# Aggressive After Feeding !! Advice



## Duffster (Jul 3, 2012)

Hello everyone and thank you for taking the time to read this. We are new Tegu owners and are unsure if this is normal or if there is a way to eliminate or to avoid the issue. 
Max is a 3 yr old B/W 47" - 11lbs. after feeding him he is extremely aggressive for about thirty minutes . After you pick him up and handle him he is fine. Any other time he is a lover and loves attention. The previous owner did say to be careful after feeding. We are just wanting to know what the normal is? Thanks in advance

Duffy & Kim


----------



## Diablo (Jul 3, 2012)

How long have you had him?


----------



## Duffster (Jul 3, 2012)

About a week. We feed him in a separate location than his room ( He has his own room.) He is very tame and gets lots of attention.


----------



## Chris23039 (Jul 3, 2012)

Make sure your hands don't smell of the food can help I've heard I'm sure someone with a lot of experience will be along soon


----------



## Diablo (Jul 3, 2012)

I would give it some time and see if he gets calmer after eating, just keep handling him as much as possible like you are. It could be that he is just excited to eat. Do you hand feed him or put him with his food already there in a bowl for him to eat?

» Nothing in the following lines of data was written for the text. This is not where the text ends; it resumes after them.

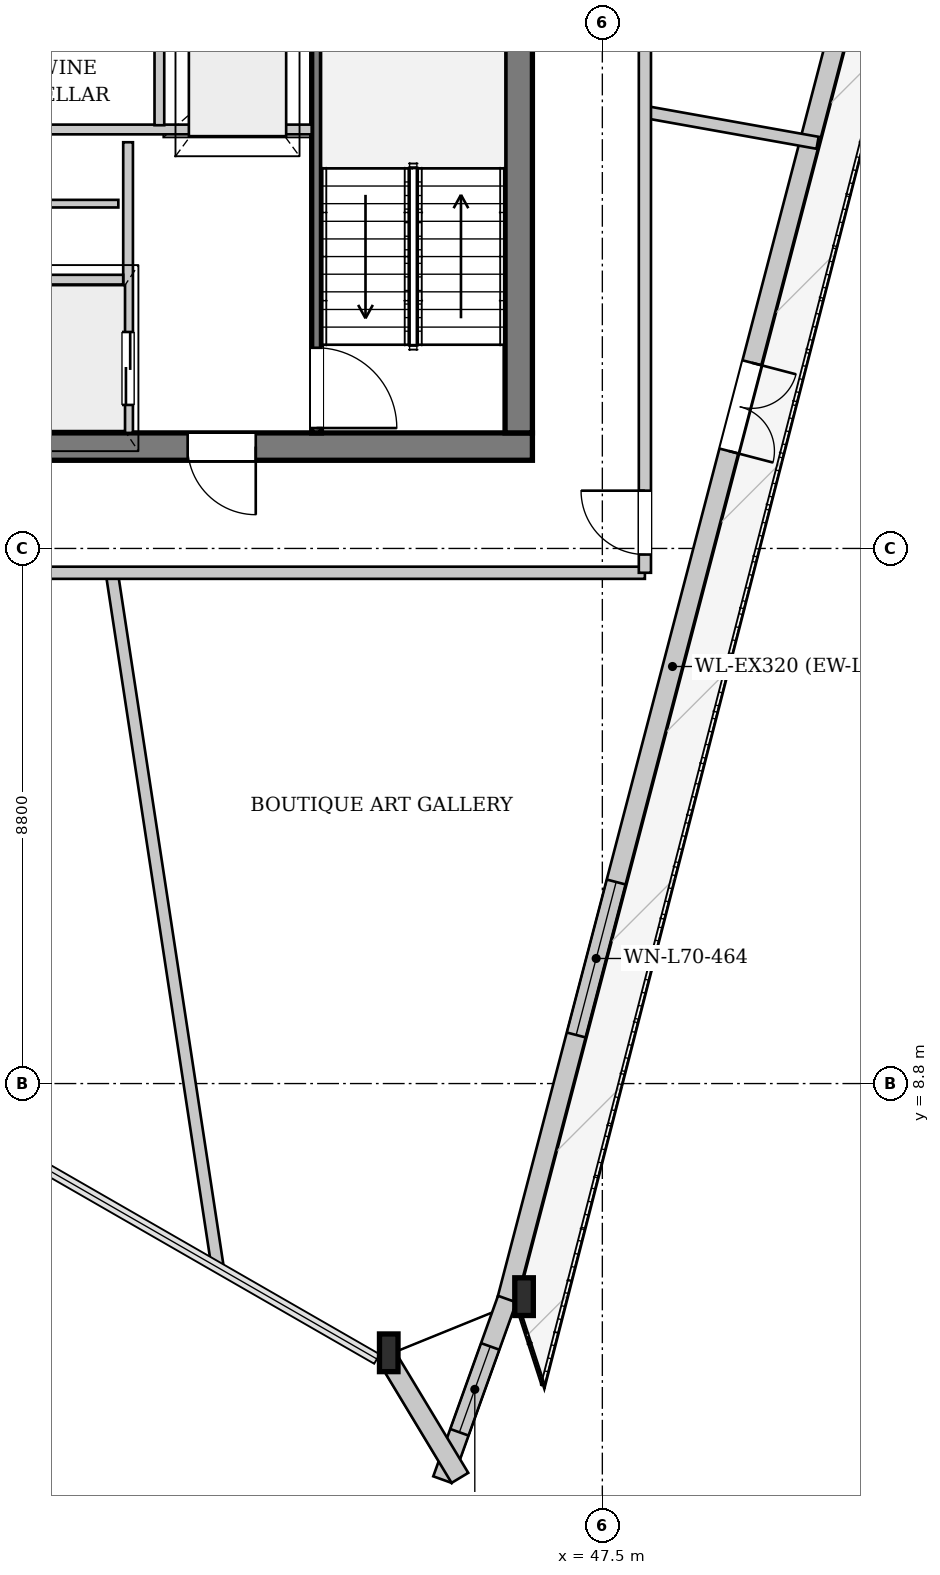
"""IFC4 building model, lengths in metres.
Left out: names, types, materials, properties, quantities, classifications, styles, units other than length and angle.
Written with IfcOpenShell. Run it as: python <this file> out.ifc"""

import sys

from ifc_helpers import new_model, si_unit, direction, frame, frame_2d, origin, origin_2d, place, context, subcontext, project, spatial, rectangle, i_section, extrude, source, transform, mapped, element, fill, save


model = new_model("IFC4")
c1 = context("Model", 3, precision=1e-05, world=origin(), true_north=direction((0.0, 1.0)))
c2 = subcontext(c1, "Body", "Model", "MODEL_VIEW")
j1 = project(units=[si_unit("LENGTHUNIT", "METRE"), si_unit("PLANEANGLEUNIT", "RADIAN")], contexts=[c1])
p1 = place(None, origin())
s1 = spatial("IfcSite", under=j1, at=p1, CompositionType="ELEMENT")
p2 = place(p1, origin())
s2 = spatial("IfcBuilding", under=s1, at=p2, CompositionType="ELEMENT")
p3 = place(p2, frame((0.0, 0.0, 263.3)))
s3 = spatial("IfcBuildingStorey", under=s2, at=p3, CompositionType="ELEMENT", Elevation=263.3)
m1 = source(origin(), c2, "Body", "SweptSolid", [
    extrude(i_section(OverallWidth=0.305, OverallDepth=0.62, WebThickness=0.021, FlangeThickness=0.04, at=origin_2d()), origin(), (0.0, 0.0, 1.0), 3.463),
])
p4 = place(p3, frame((43.792, 4.271, 0.0), z_axis=(0.112445909673, 0.05872566944, 0.99192097122), x_axis=(-0.462926824203, 0.886396500125, 0.0)))
e1 = element("IfcColumn", 1, at=p4, inside=s3, PredefinedType="COLUMN", context=c2, shape_type="MappedRepresentation", body=[
    mapped(m1, transform((0.0, 0.0, 0.0), x_axis=(1.0, 0.0, 0.0), y_axis=(0.0, 1.0, 0.0), z_axis=(0.0, 0.0, 1.0), scale=1.0)),
])
m2 = source(origin(), c2, "Body", "SweptSolid", [
    extrude(i_section(OverallWidth=0.305, OverallDepth=0.62, WebThickness=0.021, FlangeThickness=0.04, at=origin_2d()), origin(), (0.0, 0.0, 1.0), 3.449),
])
p5 = place(p3, frame((46.086, 5.202, 0.0), z_axis=(0.07360549053, 0.054496372796, 0.995797357456), x_axis=(-0.595042724126, 0.80369406895, 0.0)))
e2 = element("IfcColumn", 2, at=p5, inside=s3, PredefinedType="COLUMN", context=c2, shape_type="MappedRepresentation", body=[
    mapped(m2, transform((0.0, 0.0, 0.0), x_axis=(1.0, 0.0, 0.0), y_axis=(0.0, 1.0, 0.0), z_axis=(0.0, 0.0, 1.0), scale=1.0)),
])
p6 = place(p3, frame((51.577, 26.839, 0.0), z_axis=(0.0, 0.0, 1.0), x_axis=(-0.252928525252, -0.967484966867, 0.0)))
e3 = element("IfcWall", 3, at=p6, inside=s3, PredefinedType="SOLIDWALL", context=c2, shape_type="SweptSolid", body=[
    extrude(rectangle(XDim=22.323, YDim=0.32, at=frame_2d((11.161, 0.0))), origin(), (0.0, 0.0, 1.0), 2.872),
])
p7 = place(p6, frame((6.393, 0.0, 0.0)))
e4 = element("IfcOpeningElement", 4, at=p7, cuts=e3, PredefinedType="OPENING", context=c2, shape_type="SweptSolid", body=[
    extrude(rectangle(XDim=1.5, YDim=2.3, at=frame_2d((0.75, 1.15))), frame((0.0, 0.17, 0.0), z_axis=(0.0, -1.0, 0.0), x_axis=(1.0, 0.0, 0.0)), (0.0, 0.0, 1.0), 0.34),
])
p8 = place(p6, frame((15.219, 0.0, 0.402)))
e5 = element("IfcOpeningElement", 5, at=p8, cuts=e3, PredefinedType="OPENING", context=c2, shape_type="SweptSolid", body=[
    extrude(rectangle(XDim=2.6, YDim=2.35, at=frame_2d((1.3, 1.175))), frame((0.0, 0.17, 0.0), z_axis=(0.0, -1.0, 0.0), x_axis=(1.0, 0.0, 0.0)), (0.0, 0.0, 1.0), 0.34),
])
p9 = place(p3, frame((45.935, 5.256, 0.0), z_axis=(0.0, 0.0, 1.0), x_axis=(-0.337650240758, -0.941271647781, 0.0)))
e6 = element("IfcWall", 6, at=p9, inside=s3, PredefinedType="SOLIDWALL", context=c2, shape_type="SweptSolid", body=[
    extrude(rectangle(XDim=3.154, YDim=0.32, at=frame_2d((1.577, 0.0))), origin(), (0.0, 0.0, 1.0), 2.872),
])
p10 = place(p9, frame((0.827, 0.0, 0.452)))
e7 = element("IfcOpeningElement", 7, at=p10, cuts=e6, PredefinedType="OPENING", context=c2, shape_type="SweptSolid", body=[
    extrude(rectangle(XDim=1.5, YDim=2.3, at=frame_2d((0.75, 1.15))), frame((0.0, 0.17, 0.0), z_axis=(0.0, -1.0, 0.0), x_axis=(1.0, 0.0, 0.0)), (0.0, 0.0, 1.0), 0.34),
])
p11 = place(p3, frame((45.158, 2.315, 0.0), z_axis=(0.0, 0.0, 1.0), x_axis=(-0.516260260774, 0.856431750431, 0.0)))
e8 = element("IfcWall", 8, at=p11, inside=s3, PredefinedType="SOLIDWALL", context=c2, shape_type="SweptSolid", body=[
    extrude(rectangle(XDim=2.379, YDim=0.32, at=frame_2d((1.189, 0.0))), origin(), (0.0, 0.0, 1.0), 2.872),
])
p12 = place(p3, frame((46.35, 19.275, 0.0), z_axis=(0.0, 0.0, 1.0), x_axis=(-1.0, 0.0, 0.0)))
e9 = element("IfcWall", 9, at=p12, inside=s3, PredefinedType="SHEAR", context=c2, shape_type="SweptSolid", body=[
    extrude(rectangle(XDim=16.7, YDim=0.45, at=frame_2d((8.35, 0.0))), origin(), (0.0, 0.0, 1.0), 3.38),
])
p13 = place(p12, frame((4.55, 0.0, 0.0)))
e10 = element("IfcOpeningElement", 10, at=p13, cuts=e9, PredefinedType="OPENING", context=c2, shape_type="SweptSolid", body=[
    extrude(rectangle(XDim=1.12, YDim=2.25, at=frame_2d((0.56, 1.125))), frame((0.0, 0.235, 0.0), z_axis=(0.0, -1.0, 0.0), x_axis=(1.0, 0.0, 0.0)), (0.0, 0.0, 1.0), 0.47),
])
p14 = place(p12, frame((11.05, 0.0, 0.0)))
e11 = element("IfcOpeningElement", 11, at=p14, cuts=e9, PredefinedType="OPENING", context=c2, shape_type="SweptSolid", body=[
    extrude(rectangle(XDim=1.12, YDim=2.25, at=frame_2d((0.56, 1.125))), frame((0.0, 0.235, 0.0), z_axis=(0.0, -1.0, 0.0), x_axis=(1.0, 0.0, 0.0)), (0.0, 0.0, 1.0), 0.47),
])
p15 = place(p3, frame((46.125, 33.7, 0.0), z_axis=(0.0, 0.0, 1.0), x_axis=(0.0, -1.0, 0.0)))
e12 = element("IfcWall", 12, at=p15, inside=s3, PredefinedType="SHEAR", context=c2, shape_type="SweptSolid", body=[
    extrude(rectangle(XDim=14.2, YDim=0.45, at=frame_2d((7.1, 0.0))), origin(), (0.0, 0.0, 1.0), 3.38),
])
p16 = place(p15, frame((5.18, 0.0, 0.0)))
e13 = element("IfcOpeningElement", 13, at=p16, cuts=e12, PredefinedType="OPENING", context=c2, shape_type="SweptSolid", body=[
    extrude(rectangle(XDim=1.6, YDim=2.2, at=frame_2d((0.8, 1.1))), frame((0.0, 0.235, 0.0), z_axis=(0.0, -1.0, 0.0), x_axis=(1.0, 0.0, 0.0)), (0.0, 0.0, 1.0), 0.47),
])
p17 = place(p15, frame((2.05, 0.0, 0.0)))
e14 = element("IfcOpeningElement", 14, at=p17, cuts=e12, PredefinedType="OPENING", context=c2, shape_type="SweptSolid", body=[
    extrude(rectangle(XDim=0.95, YDim=2.1, at=frame_2d((0.475, 1.05))), frame((0.0, 0.235, 0.0), z_axis=(0.0, -1.0, 0.0), x_axis=(1.0, 0.0, 0.0)), (0.0, 0.0, 1.0), 0.47),
])
p18 = place(p3, frame((42.8, 26.96, 0.0), z_axis=(0.0, 0.0, 1.0), x_axis=(0.0, -1.0, 0.0)))
e15 = element("IfcWall", 15, at=p18, inside=s3, PredefinedType="PARTITIONING", context=c2, shape_type="SweptSolid", body=[
    extrude(rectangle(XDim=7.46, YDim=0.16, at=frame_2d((3.73, 0.0))), origin(), (0.0, 0.0, 1.0), 3.38),
])
p19 = place(p18, frame((6.06, 0.0, 0.0)))
e16 = element("IfcOpeningElement", 16, at=p19, cuts=e15, PredefinedType="OPENING", context=c2, shape_type="SweptSolid", body=[
    extrude(rectangle(XDim=1.32, YDim=2.2, at=frame_2d((0.66, 1.1))), frame((0.0, 0.09, 0.0), z_axis=(0.0, -1.0, 0.0), x_axis=(1.0, 0.0, 0.0)), (0.0, 0.0, 1.0), 0.18),
])
p20 = place(p3, frame((39.7, 24.28, 0.0), z_axis=(0.0, 0.0, 1.0), x_axis=(0.0, -1.0, 0.0)))
e17 = element("IfcWall", 17, at=p20, inside=s3, PredefinedType="PARTITIONING", context=c2, shape_type="SweptSolid", body=[
    extrude(rectangle(XDim=4.78, YDim=0.16, at=frame_2d((2.39, 0.0))), origin(), (0.0, 0.0, 1.0), 3.38),
])
p21 = place(p20, frame((3.12, 0.0, 0.0)))
e18 = element("IfcOpeningElement", 18, at=p21, cuts=e17, PredefinedType="OPENING", context=c2, shape_type="SweptSolid", body=[
    extrude(rectangle(XDim=1.2, YDim=2.2, at=frame_2d((0.6, 1.1))), frame((0.0, 0.09, 0.0), z_axis=(0.0, -1.0, 0.0), x_axis=(1.0, 0.0, 0.0)), (0.0, 0.0, 1.0), 0.18),
])
p22 = place(p3, frame((36.38, 22.02, 0.0), z_axis=(0.0, 0.0, 1.0), x_axis=(1.0, 0.0, 0.0)))
e19 = element("IfcWall", 19, at=p22, inside=s3, PredefinedType="PARTITIONING", context=c2, shape_type="SweptSolid", body=[
    extrude(rectangle(XDim=3.24, YDim=0.16, at=frame_2d((1.62, 0.0))), origin(), (0.0, 0.0, 1.0), 3.38),
])
p23 = place(p3, frame((33.28, 24.49, 0.0), z_axis=(0.0, 0.0, 1.0), x_axis=(1.0, 0.0, 0.0)))
e20 = element("IfcWall", 20, at=p23, inside=s3, PredefinedType="PARTITIONING", context=c2, shape_type="SweptSolid", body=[
    extrude(rectangle(XDim=9.44, YDim=0.16, at=frame_2d((4.72, 0.0))), origin(), (0.0, 0.0, 1.0), 3.38),
])
p24 = place(p3, frame((36.46, 23.27, 0.0), z_axis=(0.0, 0.0, 1.0), x_axis=(1.0, 0.0, 0.0)))
e21 = element("IfcWall", 21, at=p24, inside=s3, PredefinedType="PARTITIONING", context=c2, shape_type="SweptSolid", body=[
    extrude(rectangle(XDim=3.08, YDim=0.125, at=frame_2d((1.54, 0.0))), origin(), (0.0, 0.0, 1.0), 3.38),
])
p25 = place(p24, frame((1.05, 0.0, 0.0)))
e22 = element("IfcOpeningElement", 22, at=p25, cuts=e21, PredefinedType="OPENING", context=c2, shape_type="SweptSolid", body=[
    extrude(rectangle(XDim=0.9, YDim=2.1, at=frame_2d((0.45, 1.05))), frame((0.0, 0.073, 0.0), z_axis=(0.0, -1.0, 0.0), x_axis=(1.0, 0.0, 0.0)), (0.0, 0.0, 1.0), 0.145),
])
p26 = place(p3, frame((40.215, 24.56, 0.0), z_axis=(0.0, 0.0, 1.0), x_axis=(0.0, 1.0, 0.0)))
e23 = element("IfcWall", 23, at=p26, inside=s3, PredefinedType="PARTITIONING", context=c2, shape_type="SweptSolid", body=[
    extrude(rectangle(XDim=2.31, YDim=0.16, at=frame_2d((1.155, 0.0))), origin(), (0.0, 0.0, 1.0), 3.38),
])
p27 = place(p3, frame((39.433, 17.2, 0.0), z_axis=(0.0, 0.0, 1.0), x_axis=(0.150639275807, -0.98858879651, 0.0)))
e24 = element("IfcWall", 24, at=p27, inside=s3, PredefinedType="PARTITIONING", context=c2, shape_type="SweptSolid", body=[
    extrude(rectangle(XDim=11.517, YDim=0.2, at=frame_2d((5.758, 0.0))), origin(), (0.0, 0.0, 1.0), 3.38),
])
p28 = place(p3, frame((48.2, 24.778, 0.0), z_axis=(0.0, 0.0, 1.0), x_axis=(0.984415019737, -0.175860936298, 0.0)))
e25 = element("IfcWall", 25, at=p28, inside=s3, PredefinedType="PARTITIONING", context=c2, shape_type="SweptSolid", body=[
    extrude(rectangle(XDim=2.885, YDim=0.2, at=frame_2d((1.442, 0.0))), origin(), (0.0, 0.0, 1.0), 3.38),
])
p29 = place(p3, frame((27.8, 17.2, 0.0), z_axis=(0.0, 0.0, 1.0), x_axis=(1.0, 0.0, 0.0)))
e26 = element("IfcWall", 26, at=p29, inside=s3, PredefinedType="PARTITIONING", context=c2, shape_type="SweptSolid", body=[
    extrude(rectangle(XDim=20.4, YDim=0.2, at=frame_2d((10.2, 0.0))), origin(), (0.0, 0.0, 1.0), 3.38),
])
p30 = place(p29, frame((4.91, 0.0, 0.0)))
e27 = element("IfcOpeningElement", 27, at=p30, cuts=e26, PredefinedType="OPENING", context=c2, shape_type="SweptSolid", body=[
    extrude(rectangle(XDim=1.05, YDim=2.2, at=frame_2d((0.525, 1.1))), frame((0.0, 0.11, 0.0), z_axis=(0.0, -1.0, 0.0), x_axis=(1.0, 0.0, 0.0)), (0.0, 0.0, 1.0), 0.22),
])
p31 = place(p3, frame((48.2, 17.2, 0.0), z_axis=(0.0, 0.0, 1.0), x_axis=(0.0, 1.0, 0.0)))
e28 = element("IfcWall", 28, at=p31, inside=s3, PredefinedType="PARTITIONING", context=c2, shape_type="SweptSolid", body=[
    extrude(rectangle(XDim=18.8, YDim=0.2, at=frame_2d((9.4, 0.0))), origin(), (0.0, 0.0, 1.0), 3.005),
])
p32 = place(p31, frame((0.3, 0.0, 0.0)))
e29 = element("IfcOpeningElement", 29, at=p32, cuts=e28, PredefinedType="OPENING", context=c2, shape_type="SweptSolid", body=[
    extrude(rectangle(XDim=1.05, YDim=2.2, at=frame_2d((0.525, 1.1))), frame((0.0, 0.11, 0.0), z_axis=(0.0, -1.0, 0.0), x_axis=(1.0, 0.0, 0.0)), (0.0, 0.0, 1.0), 0.22),
])
p33 = place(p31, frame((13.705, 0.0, 0.0)))
e30 = element("IfcOpeningElement", 30, at=p33, cuts=e28, PredefinedType="OPENING", context=c2, shape_type="SweptSolid", body=[
    extrude(rectangle(XDim=1.05, YDim=2.2, at=frame_2d((0.525, 1.1))), frame((0.0, 0.11, 0.0), z_axis=(0.0, -1.0, 0.0), x_axis=(1.0, 0.0, 0.0)), (0.0, 0.0, 1.0), 0.22),
])
m3 = source(origin(), c2, "Body", "SweptSolid", [
    extrude(rectangle(XDim=1.5, YDim=2.3, at=frame_2d((0.75, 1.15))), frame((0.0, 0.025, 0.0), z_axis=(0.0, -1.0, 0.0), x_axis=(1.0, 0.0, 0.0)), (0.0, 0.0, 1.0), 0.05),
])
p34 = place(p7, origin())
e31 = element("IfcDoor", 31, at=p34, inside=s3, OperationType="DOUBLE_DOOR_SINGLE_SWING", PredefinedType="DOOR", context=c2, shape_type="MappedRepresentation", body=[
    mapped(m3, transform((0.0, 0.0, 0.0), x_axis=(1.0, 0.0, 0.0), y_axis=(0.0, 1.0, 0.0), z_axis=(0.0, 0.0, 1.0), scale=1.0)),
])
fill(e4, e31)
m4 = source(origin(), c2, "Body", "SweptSolid", [
    extrude(rectangle(XDim=2.6, YDim=2.35, at=frame_2d((1.3, 1.175))), frame((0.0, 0.03, 0.0), z_axis=(0.0, -1.0, 0.0), x_axis=(1.0, 0.0, 0.0)), (0.0, 0.0, 1.0), 0.06),
])
p35 = place(p8, origin())
e32 = element("IfcWindow", 32, at=p35, inside=s3, PartitioningType="SINGLE_PANEL", PredefinedType="WINDOW", context=c2, shape_type="MappedRepresentation", body=[
    mapped(m4, transform((0.0, 0.0, 0.0), x_axis=(1.0, 0.0, 0.0), y_axis=(0.0, 1.0, 0.0), z_axis=(0.0, 0.0, 1.0), scale=1.0)),
])
fill(e5, e32)
m5 = source(origin(), c2, "Body", "SweptSolid", [
    extrude(rectangle(XDim=1.5, YDim=2.3, at=frame_2d((0.75, 1.15))), frame((0.0, 0.03, 0.0), z_axis=(0.0, -1.0, 0.0), x_axis=(1.0, 0.0, 0.0)), (0.0, 0.0, 1.0), 0.06),
])
p36 = place(p10, origin())
e33 = element("IfcWindow", 33, at=p36, inside=s3, PartitioningType="SINGLE_PANEL", PredefinedType="WINDOW", context=c2, shape_type="MappedRepresentation", body=[
    mapped(m5, transform((0.0, 0.0, 0.0), x_axis=(1.0, 0.0, 0.0), y_axis=(0.0, 1.0, 0.0), z_axis=(0.0, 0.0, 1.0), scale=1.0)),
])
fill(e7, e33)
m6 = source(origin(), c2, "Body", "SweptSolid", [
    extrude(rectangle(XDim=1.12, YDim=2.25, at=frame_2d((0.56, 1.125))), frame((0.0, 0.025, 0.0), z_axis=(0.0, -1.0, 0.0), x_axis=(1.0, 0.0, 0.0)), (0.0, 0.0, 1.0), 0.05),
])
p37 = place(p13, origin())
e34 = element("IfcDoor", 34, at=p37, inside=s3, OperationType="SINGLE_SWING_LEFT", PredefinedType="DOOR", context=c2, shape_type="MappedRepresentation", body=[
    mapped(m6, transform((0.0, 0.0, 0.0), x_axis=(1.0, 0.0, 0.0), y_axis=(0.0, 1.0, 0.0), z_axis=(0.0, 0.0, 1.0), scale=1.0)),
])
fill(e10, e34)
m7 = source(origin(), c2, "Body", "SweptSolid", [
    extrude(rectangle(XDim=1.32, YDim=2.2, at=frame_2d((0.66, 1.1))), frame((0.0, 0.025, 0.0), z_axis=(0.0, -1.0, 0.0), x_axis=(1.0, 0.0, 0.0)), (0.0, 0.0, 1.0), 0.05),
])
p38 = place(p19, origin())
e35 = element("IfcDoor", 35, at=p38, inside=s3, OperationType="SINGLE_SWING_RIGHT", PredefinedType="DOOR", context=c2, shape_type="MappedRepresentation", body=[
    mapped(m7, transform((0.0, 0.0, 0.0), x_axis=(1.0, 0.0, 0.0), y_axis=(0.0, 1.0, 0.0), z_axis=(0.0, 0.0, 1.0), scale=1.0)),
])
fill(e16, e35)
m8 = source(origin(), c2, "Body", "SweptSolid", [
    extrude(rectangle(XDim=1.2, YDim=2.2, at=frame_2d((0.6, 1.1))), frame((0.0, 0.025, 0.0), z_axis=(0.0, -1.0, 0.0), x_axis=(1.0, 0.0, 0.0)), (0.0, 0.0, 1.0), 0.05),
])
p39 = place(p21, origin())
e36 = element("IfcDoor", 36, at=p39, inside=s3, OperationType="DOUBLE_DOOR_SLIDING", PredefinedType="DOOR", context=c2, shape_type="MappedRepresentation", body=[
    mapped(m8, transform((0.0, 0.0, 0.0), x_axis=(1.0, 0.0, 0.0), y_axis=(0.0, 1.0, 0.0), z_axis=(0.0, 0.0, 1.0), scale=1.0)),
])
fill(e18, e36)
m9 = source(origin(), c2, "Body", "SweptSolid", [
    extrude(rectangle(XDim=1.05, YDim=2.2, at=frame_2d((0.525, 1.1))), frame((0.0, 0.025, 0.0), z_axis=(0.0, -1.0, 0.0), x_axis=(1.0, 0.0, 0.0)), (0.0, 0.0, 1.0), 0.05),
])
p40 = place(p32, origin())
e37 = element("IfcDoor", 37, at=p40, inside=s3, OperationType="SINGLE_SWING_RIGHT", PredefinedType="DOOR", context=c2, shape_type="MappedRepresentation", body=[
    mapped(m9, transform((0.0, 0.0, 0.0), x_axis=(1.0, 0.0, 0.0), y_axis=(0.0, 1.0, 0.0), z_axis=(0.0, 0.0, 1.0), scale=1.0)),
])
fill(e29, e37)
save(model, sys.argv[1])

It's always better to either tong feed, or have the food already there in his bowl so he doesn't associate your hands with food. It also could be that the previous owner was doing something wrong to make him aggressive after he was finished eating.


----------



## Duffster (Jul 3, 2012)

He will only eat live Rats (No white Rats!! Wont eat them!), Baby Chicks and some fruit. Doesn't like chicken at all. very picky eater. Luckily we own AzRodentSupply so we always have a large selection of rats. We are learning as we go and hopefully doing the best for him with the research. The previous owners loved him very much and he was well taken care of.

When we feed him we stun the rats . he eats those fast but is aggressive afterwards


----------



## JohnMatthew (Jul 3, 2012)

Don't offer rats for a few weeks. Tegus have favorite foods just like us, if you let them that's all they'll ever eat. I'd personally avoid anything live(stunned or otherwise) for a while and see if the aggression doesn't subside. Here's a list of some food items you can try, courtesy of PuffDragon:

http://www.tegutalk.com/showthread.php?tid=6452#axzz1zaLBEhM1


----------



## Bubblz Calhoun (Jul 3, 2012)

_Stop feeding live, that's your issue. Live prey gets them excited, stimulates their prey drive and puts them on alert looking out for more. So just about anything that's small enough and moves is fair game. As long as he's healthy and has good weight on him, missing a few meals to get him interested in frozen thawed or pre killed prey won't do him any harm. 

If for what ever reason you choose not to use f/t or pre killed prey items, then leave him alone and give him plenty of time to calm down before handling. 

Personally feeding live prey is too much of a risk with animals that can do damage like they can. You never what or when something might stimulate that feeding response. You, someone or something else might end up on the wrong end of those jowls and sharp teeth.

Someone on here or the other site just recently posted pics of a bite they got from their tegu. Not good,... but could have also been worse._


----------



## TegusRawsome80 (Jul 4, 2012)

I think it's an animal that gets excited about feeding. Just don't handle it until it calms down.


----------



## m3s4 (Jul 4, 2012)

Bubblz Calhoun said:


> _Stop feeding live, that's your issue. Live prey gets them excited, stimulates their prey drive and puts them on alert looking out for more. So just about anything that's small enough and moves is fair game. As long as he's healthy and has good weight on him, missing a few meals to get him interested in frozen thawed or pre killed prey won't do him any harm.
> 
> If for what ever reason you choose not to use f/t or pre killed prey items, then leave him alone and give him plenty of time to calm down before handling.
> 
> ...



+1000. Spot on.


----------



## Duffster (Jul 19, 2012)

UPDATE: The Tegu has always been fed stunned rats from the previous owner. He is still being fed live stunned as he will not eat anything other that that. We have tried it all. He is no longer aggressive and has adjusted to new household  Thank you everyone for the advice and input. Very much appreciated!


----------